Harian Fajar

Mengungkap Fakta & Peristiwa

Rentenir Keliling yang Bikin Dina Gantung Diri dan Bunuh Dua Anaknya

Denpasar ,harian fajar

DI TENGAH pandemi seperti sekarang ini, banyak masyarakat yang membutuhkan uang. Salah satunya dengan pinjaman mikro yang ternyata berkedok praktik rentenir yaitu Bank Emok.

Bank emok sendiri diambil dari bahasa Sunda yang artinya duduk lesehan.

Praktik ini memberikan pinjaman kepada ibu rumah tangga di Jawa Barat dengan bunga yang mencekik. Bank Emok menyalurkan pinjaman kepada suatu kelompok tidak perorangan. Penerima pinjaman ini harus lebih dari 10 orang.

Jerat utang Bank Emok ini juga dialami ibu muda di Cipatat, Bandung Barat. Bahkan wanita tersebut membunuh dua anaknya sebelum dia juga menghabisi nyawanya sendiri.

Dina Rosdiana Yulianti (31) tega menghabisi nyawa dua anaknya yaitu Yumna Tamimatujinan (4) dan Abqori Abrurahman Burhan (2,5). Dia diduga terlilit utang Rp5 juta yang dipinjam dari Bank Emo.

Dugaan motif Dina membunuh kedua anaknya yaitu Yumna Tamimatujinan (4) dan Abqori Abrurahman Burhan (2,5) akibat utang dibenarkan oleh Kasatreskrim Polres Cimahi AKP Yohannes Redhoi Sigiro.

“Iya, diduga keras seperti itu.
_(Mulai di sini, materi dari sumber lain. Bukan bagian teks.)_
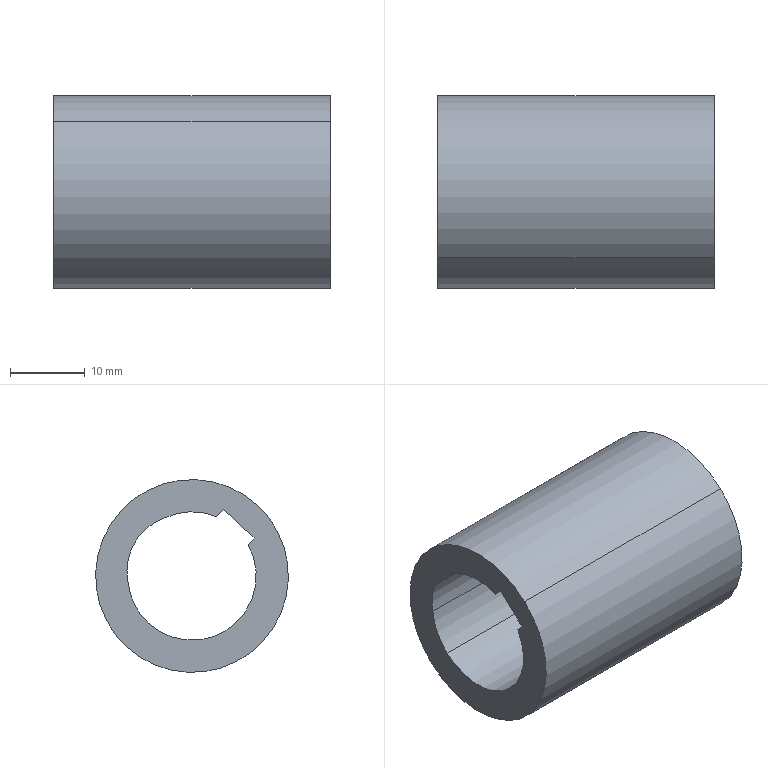Component | SolidWorks | CouplingSleeve-1 | 1 solid | 12 faces | box 37 x 25.76 x 25.76 mm | volume 10449 mm3 | cylinder 6 | plane 6 | commonest cylinder face diameters 17.16 x3 25.756 x2 15 x1
build123d program:
from build123d import *

# Parameters (mm, degrees)
SKETCH2_R                 = 12.878
SKETCH2_R_2               = 8.58
BOSS_EXTRUDE1_DEPTH       = 37
CUT_EXTRUDE1_2_DEPTH      = 66.986
CUT_EXTRUDE1_2_DEPTH_BACK = 66.986
CUT_EXTRUDE1_DEPTH        = 211.224
CUT_EXTRUDE1_DEPTH_BACK   = 211.224
SKETCH1_W                 = 4.594
SKETCH1_H                 = 0.62


with BuildPart() as part:
    # Sketch2 → Boss-Extrude1 (new body)
    with BuildSketch(Plane(origin=(-166, 0, 0), x_dir=(0, 0, -1), z_dir=(1, 0, 0))):
        with Locations((-40.219, 0)):
            Circle(SKETCH2_R)
        with Locations((-40.219, 0)):
            Circle(SKETCH2_R_2, mode=Mode.SUBTRACT)
    extrude(amount=-BOSS_EXTRUDE1_DEPTH)

    # Sketch4 → Cut-Extrude1_2 (cut, two sides: drawn at the far end of the back side and taken through both)
    with BuildSketch(Plane(origin=(-166, 0, 0), x_dir=(0, 0, -1), z_dir=(1, 0, 0)).offset(-CUT_EXTRUDE1_2_DEPTH_BACK)):
        with BuildLine():
            Line((-46.528, -2.177), (-49.594, -2.177))
            Line((-49.594, -2.177), (-49.594, 3.001))
            Line((-49.594, 3.001), (-47.204, 3.001))
            ThreePointArc((-47.204, 3.001), (-32.458, 2.295), (-46.528, -2.177))
        make_face()
    extrude(amount=CUT_EXTRUDE1_2_DEPTH + CUT_EXTRUDE1_2_DEPTH_BACK, mode=Mode.SUBTRACT)

    # Sketch1 → Cut-Extrude1 (cut, two sides: drawn at the far end of the back side and taken through both)
    with BuildSketch(Plane(origin=(0, 0, 0), x_dir=(0, 0, -1), z_dir=(1, 0, 0)).offset(-CUT_EXTRUDE1_DEPTH_BACK)):
        with Locations((-47.297, -2.31)):
            Rectangle(SKETCH1_W, SKETCH1_H)
    extrude(amount=CUT_EXTRUDE1_DEPTH + CUT_EXTRUDE1_DEPTH_BACK, mode=Mode.SUBTRACT)


solid = part.part

# Placed as in the assembly
solid = solid.moved(Location((-83.5, 87.608, -29.452), (42.922, 0, 0)))
STEP:
#1=CARTESIAN_POINT('',(-11.28,2.601,-0.2474));
#2=VERTEX_POINT('',#1);
#3=CARTESIAN_POINT('',(-11.28,2.707,-0.03261));
#4=VERTEX_POINT('',#3);
#5=CARTESIAN_POINT('',(-11.28,2.371,-0.));
#6=DIRECTION('',(1.,0.,0.));
#7=DIRECTION('',(0.,0.681,-0.7323));
#8=AXIS2_PLACEMENT_3D('',#5,#6,#7);
#9=CIRCLE('',#8,0.3378);
#10=EDGE_CURVE('',#2,#4,#9,.T.);
#11=ORIENTED_EDGE('',*,*,#10,.F.);
#12=CARTESIAN_POINT('',(-9.823,2.601,-0.2474));
#13=VERTEX_POINT('',#12);
#14=CARTESIAN_POINT('',(-11.28,2.601,-0.2474));
#15=DIRECTION('',(1.,0.,0.));
#16=VECTOR('',#15,39.37);
#17=LINE('',#14,#16);
#18=EDGE_CURVE('',#2,#13,#17,.T.);
#19=ORIENTED_EDGE('',*,*,#18,.T.);
#20=CARTESIAN_POINT('',(-9.823,2.707,-0.03261));
#21=VERTEX_POINT('',#20);
#22=CARTESIAN_POINT('',(-9.823,2.371,-0.));
#23=DIRECTION('',(1.,0.,0.));
#24=DIRECTION('',(0.,0.681,-0.7323));
#25=AXIS2_PLACEMENT_3D('',#22,#23,#24);
#26=CIRCLE('',#25,0.3378);
#27=EDGE_CURVE('',#13,#21,#26,.T.);
#28=ORIENTED_EDGE('',*,*,#27,.T.);
#29=CARTESIAN_POINT('',(-10.551,2.707,-0.03261));
#30=DIRECTION('',(-1.,0.,0.));
#31=VECTOR('',#30,39.37);
#32=LINE('',#29,#31);
#33=EDGE_CURVE('',#21,#4,#32,.T.);
#34=ORIENTED_EDGE('',*,*,#33,.T.);
#35=EDGE_LOOP('',(#11,#19,#28,#34));
#36=FACE_OUTER_BOUND('',#35,.T.);
#37=CARTESIAN_POINT('',(-11.28,2.371,-0.));
#38=DIRECTION('',(1.,0.,0.));
#39=DIRECTION('',(0.,0.681,-0.7323));
#40=AXIS2_PLACEMENT_3D('',#37,#38,#39);
#41=CYLINDRICAL_SURFACE('',#40,0.3378);
#42=ADVANCED_FACE('',(#36),#41,.F.);
#43=CARTESIAN_POINT('',(-11.28,2.716,-0.3713));
#44=VERTEX_POINT('',#43);
#45=CARTESIAN_POINT('',(-11.28,2.026,0.3713));
#46=VERTEX_POINT('',#45);
#47=CARTESIAN_POINT('',(-11.28,2.371,-0.));
#48=DIRECTION('',(1.,0.,0.));
#49=DIRECTION('',(0.,0.681,-0.7323));
#50=AXIS2_PLACEMENT_3D('',#47,#48,#49);
#51=CIRCLE('',#50,0.507);
#52=EDGE_CURVE('',#44,#46,#51,.T.);
#53=ORIENTED_EDGE('',*,*,#52,.T.);
#54=CARTESIAN_POINT('',(-9.823,2.026,0.3713));
#55=VERTEX_POINT('',#54);
#56=CARTESIAN_POINT('',(-11.28,2.026,0.3713));
#57=DIRECTION('',(1.,0.,0.));
#58=VECTOR('',#57,39.37);
#59=LINE('',#56,#58);
#60=EDGE_CURVE('',#46,#55,#59,.T.);
#61=ORIENTED_EDGE('',*,*,#60,.T.);
#62=CARTESIAN_POINT('',(-9.823,2.716,-0.3713));
#63=VERTEX_POINT('',#62);
#64=CARTESIAN_POINT('',(-9.823,2.371,-0.));
#65=DIRECTION('',(1.,0.,0.));
#66=DIRECTION('',(0.,0.681,-0.7323));
#67=AXIS2_PLACEMENT_3D('',#64,#65,#66);
#68=CIRCLE('',#67,0.507);
#69=EDGE_CURVE('',#63,#55,#68,.T.);
#70=ORIENTED_EDGE('',*,*,#69,.F.);
#71=CARTESIAN_POINT('',(-11.28,2.716,-0.3713));
#72=DIRECTION('',(1.,0.,0.));
#73=VECTOR('',#72,39.37);
#74=LINE('',#71,#73);
#75=EDGE_CURVE('',#44,#63,#74,.T.);
#76=ORIENTED_EDGE('',*,*,#75,.F.);
#77=EDGE_LOOP('',(#53,#61,#70,#76));
#78=FACE_OUTER_BOUND('',#77,.T.);
#79=CARTESIAN_POINT('',(-11.28,2.371,-0.));
#80=DIRECTION('',(1.,0.,0.));
#81=DIRECTION('',(0.,0.681,-0.7323));
#82=AXIS2_PLACEMENT_3D('',#79,#80,#81);
#83=CYLINDRICAL_SURFACE('',#82,0.507);
#84=ADVANCED_FACE('',(#78),#83,.T.);
#85=CARTESIAN_POINT('',(-11.28,2.52,0.3031));
#86=VERTEX_POINT('',#85);
#87=CARTESIAN_POINT('',(-11.28,2.242,0.3122));
#88=VERTEX_POINT('',#87);
#89=CARTESIAN_POINT('',(-11.28,2.371,-0.));
#90=DIRECTION('',(1.,0.,0.));
#91=DIRECTION('',(0.,0.681,-0.7323));
#92=AXIS2_PLACEMENT_3D('',#89,#90,#91);
#93=CIRCLE('',#92,0.3378);
#94=EDGE_CURVE('',#86,#88,#93,.T.);
#95=ORIENTED_EDGE('',*,*,#94,.F.);
#96=CARTESIAN_POINT('',(-9.823,2.52,0.3031));
#97=VERTEX_POINT('',#96);
#98=CARTESIAN_POINT('',(-10.551,2.52,0.3031));
#99=DIRECTION('',(1.,0.,0.));
#100=VECTOR('',#99,39.37);
#101=LINE('',#98,#100);
#102=EDGE_CURVE('',#86,#97,#101,.T.);
#103=ORIENTED_EDGE('',*,*,#102,.T.);
#104=CARTESIAN_POINT('',(-9.823,2.242,0.3122));
#105=VERTEX_POINT('',#104);
#106=CARTESIAN_POINT('',(-9.823,2.371,-0.));
#107=DIRECTION('',(1.,0.,0.));
#108=DIRECTION('',(0.,0.681,-0.7323));
#109=AXIS2_PLACEMENT_3D('',#106,#107,#108);
#110=CIRCLE('',#109,0.3378);
#111=EDGE_CURVE('',#97,#105,#110,.T.);
#112=ORIENTED_EDGE('',*,*,#111,.T.);
#113=CARTESIAN_POINT('',(-11.28,2.242,0.3122));
#114=DIRECTION('',(-1.,0.,0.));
#115=VECTOR('',#114,39.37);
#116=LINE('',#113,#115);
#117=EDGE_CURVE('',#105,#88,#116,.T.);
#118=ORIENTED_EDGE('',*,*,#117,.T.);
#119=EDGE_LOOP('',(#95,#103,#112,#118));
#120=FACE_OUTER_BOUND('',#119,.T.);
#121=CARTESIAN_POINT('',(-11.28,2.371,-0.));
#122=DIRECTION('',(1.,0.,0.));
#123=DIRECTION('',(0.,0.681,-0.7323));
#124=AXIS2_PLACEMENT_3D('',#121,#122,#123);
#125=CYLINDRICAL_SURFACE('',#124,0.3378);
#126=ADVANCED_FACE('',(#120),#125,.F.);
#127=ORIENTED_EDGE('',*,*,#60,.F.);
#128=CARTESIAN_POINT('',(-11.28,2.371,-0.));
#129=DIRECTION('',(1.,0.,0.));
#130=DIRECTION('',(0.,0.681,-0.7323));
#131=AXIS2_PLACEMENT_3D('',#128,#129,#130);
#132=CIRCLE('',#131,0.507);
#133=EDGE_CURVE('',#46,#44,#132,.T.);
#134=ORIENTED_EDGE('',*,*,#133,.T.);
#135=ORIENTED_EDGE('',*,*,#75,.T.);
#136=CARTESIAN_POINT('',(-9.823,2.371,-0.));
#137=DIRECTION('',(1.,0.,0.));
#138=DIRECTION('',(0.,0.681,-0.7323));
#139=AXIS2_PLACEMENT_3D('',#136,#137,#138);
#140=CIRCLE('',#139,0.507);
#141=EDGE_CURVE('',#55,#63,#140,.T.);
#142=ORIENTED_EDGE('',*,*,#141,.F.);
#143=EDGE_LOOP('',(#127,#134,#135,#142));
#144=FACE_OUTER_BOUND('',#143,.T.);
#145=CARTESIAN_POINT('',(-11.28,2.371,-0.));
#146=DIRECTION('',(1.,0.,0.));
#147=DIRECTION('',(0.,0.681,-0.7323));
#148=AXIS2_PLACEMENT_3D('',#145,#146,#147);
#149=CYLINDRICAL_SURFACE('',#148,0.507);
#150=ADVANCED_FACE('',(#144),#149,.T.);
#151=CARTESIAN_POINT('',(-11.28,2.057,0.2119));
#152=VERTEX_POINT('',#151);
#153=CARTESIAN_POINT('',(-11.28,2.044,0.2));
#154=VERTEX_POINT('',#153);
#155=CARTESIAN_POINT('',(-11.28,2.119,0.2703));
#156=DIRECTION('',(0.,-0.7323,-0.681));
#157=VECTOR('',#156,39.37);
#158=LINE('',#155,#157);
#159=EDGE_CURVE('',#152,#154,#158,.T.);
#160=ORIENTED_EDGE('',*,*,#159,.T.);
#161=CARTESIAN_POINT('',(-11.28,2.076,0.1653));
#162=VERTEX_POINT('',#161);
#163=CARTESIAN_POINT('',(-11.28,2.167,0.06759));
#164=DIRECTION('',(0.,0.681,-0.7323));
#165=VECTOR('',#164,39.37);
#166=LINE('',#163,#165);
#167=EDGE_CURVE('',#154,#162,#166,.T.);
#168=ORIENTED_EDGE('',*,*,#167,.T.);
#169=CARTESIAN_POINT('',(-11.28,2.371,-0.));
#170=DIRECTION('',(1.,0.,0.));
#171=DIRECTION('',(0.,0.681,-0.7323));
#172=AXIS2_PLACEMENT_3D('',#169,#170,#171);
#173=CIRCLE('',#172,0.3378);
#174=EDGE_CURVE('',#162,#2,#173,.T.);
#175=ORIENTED_EDGE('',*,*,#174,.T.);
#176=ORIENTED_EDGE('',*,*,#10,.T.);
#177=CARTESIAN_POINT('',(-11.28,2.418,0.02612));
#178=DIRECTION('',(1.,0.,0.));
#179=DIRECTION('',(0.,0.681,-0.7323));
#180=AXIS2_PLACEMENT_3D('',#177,#178,#179);
#181=CIRCLE('',#180,0.2953);
#182=EDGE_CURVE('',#4,#86,#181,.T.);
#183=ORIENTED_EDGE('',*,*,#182,.T.);
#184=ORIENTED_EDGE('',*,*,#94,.T.);
#185=CARTESIAN_POINT('',(-11.28,2.206,0.3507));
#186=VERTEX_POINT('',#185);
#187=CARTESIAN_POINT('',(-11.28,2.206,0.3507));
#188=DIRECTION('',(0.,-0.681,0.7323));
#189=VECTOR('',#188,39.37);
#190=LINE('',#187,#189);
#191=EDGE_CURVE('',#88,#186,#190,.T.);
#192=ORIENTED_EDGE('',*,*,#191,.T.);
#193=CARTESIAN_POINT('',(-11.28,2.119,0.2703));
#194=DIRECTION('',(0.,-0.7323,-0.681));
#195=VECTOR('',#194,39.37);
#196=LINE('',#193,#195);
#197=EDGE_CURVE('',#186,#152,#196,.T.);
#198=ORIENTED_EDGE('',*,*,#197,.T.);
#199=EDGE_LOOP('',(#160,#168,#175,#176,#183,#184,#192,#198));
#200=FACE_BOUND('',#199,.T.);
#201=ORIENTED_EDGE('',*,*,#52,.F.);
#202=ORIENTED_EDGE('',*,*,#133,.F.);
#203=EDGE_LOOP('',(#201,#202));
#204=FACE_OUTER_BOUND('',#203,.T.);
#205=CARTESIAN_POINT('',(-11.28,2.371,-0.));
#206=DIRECTION('',(1.,0.,0.));
#207=DIRECTION('',(0.,0.681,-0.7323));
#208=AXIS2_PLACEMENT_3D('',#205,#206,#207);
#209=PLANE('',#208);
#210=ADVANCED_FACE('',(#200,#204),#209,.F.);
#211=CARTESIAN_POINT('',(-9.823,2.044,0.2));
#212=VERTEX_POINT('',#211);
#213=CARTESIAN_POINT('',(-9.823,2.076,0.1653));
#214=VERTEX_POINT('',#213);
#215=CARTESIAN_POINT('',(-9.823,2.295,-0.07024));
#216=DIRECTION('',(0.,0.681,-0.7323));
#217=VECTOR('',#216,39.37);
#218=LINE('',#215,#217);
#219=EDGE_CURVE('',#212,#214,#218,.T.);
#220=ORIENTED_EDGE('',*,*,#219,.F.);
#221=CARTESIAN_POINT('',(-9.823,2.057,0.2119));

Intinya almarhumah terlilit utang kemudian pamit. Info dari suaminya (utang) ke teman korban Rp5 juta,” kata Kasatreskrim dihubungi wartawan, Kamis (8/4/2021).

Menurutnya, korban juga meninggalkan sebuah surat dan menyampaikan ucapan pamit.

“Korban terlilit utang bukan kepada rentenir atau pinjaman online akan tetapi kepada teman korban,” tutup Kasatreskrim.

Sementara itu, Kepala Desa Cipatat Darya Suganda, mengatakan sebelumnya Dina mengutang di Bank Emok.

Hal ini diketahuinya setelah keluarga mendapati sepucuk surat permohonan maaf untuk suami dan keluarga.

“Hasil penelusuran sepintas polisi dari suaminya, korban punya utang dilihat juga dari surat wasiat. Tapi informasi belum pasti pinjam dari siapa-siapanya tapi bilangnya dari teman orang Ngamprah diduga bank emok,” ungkapnya.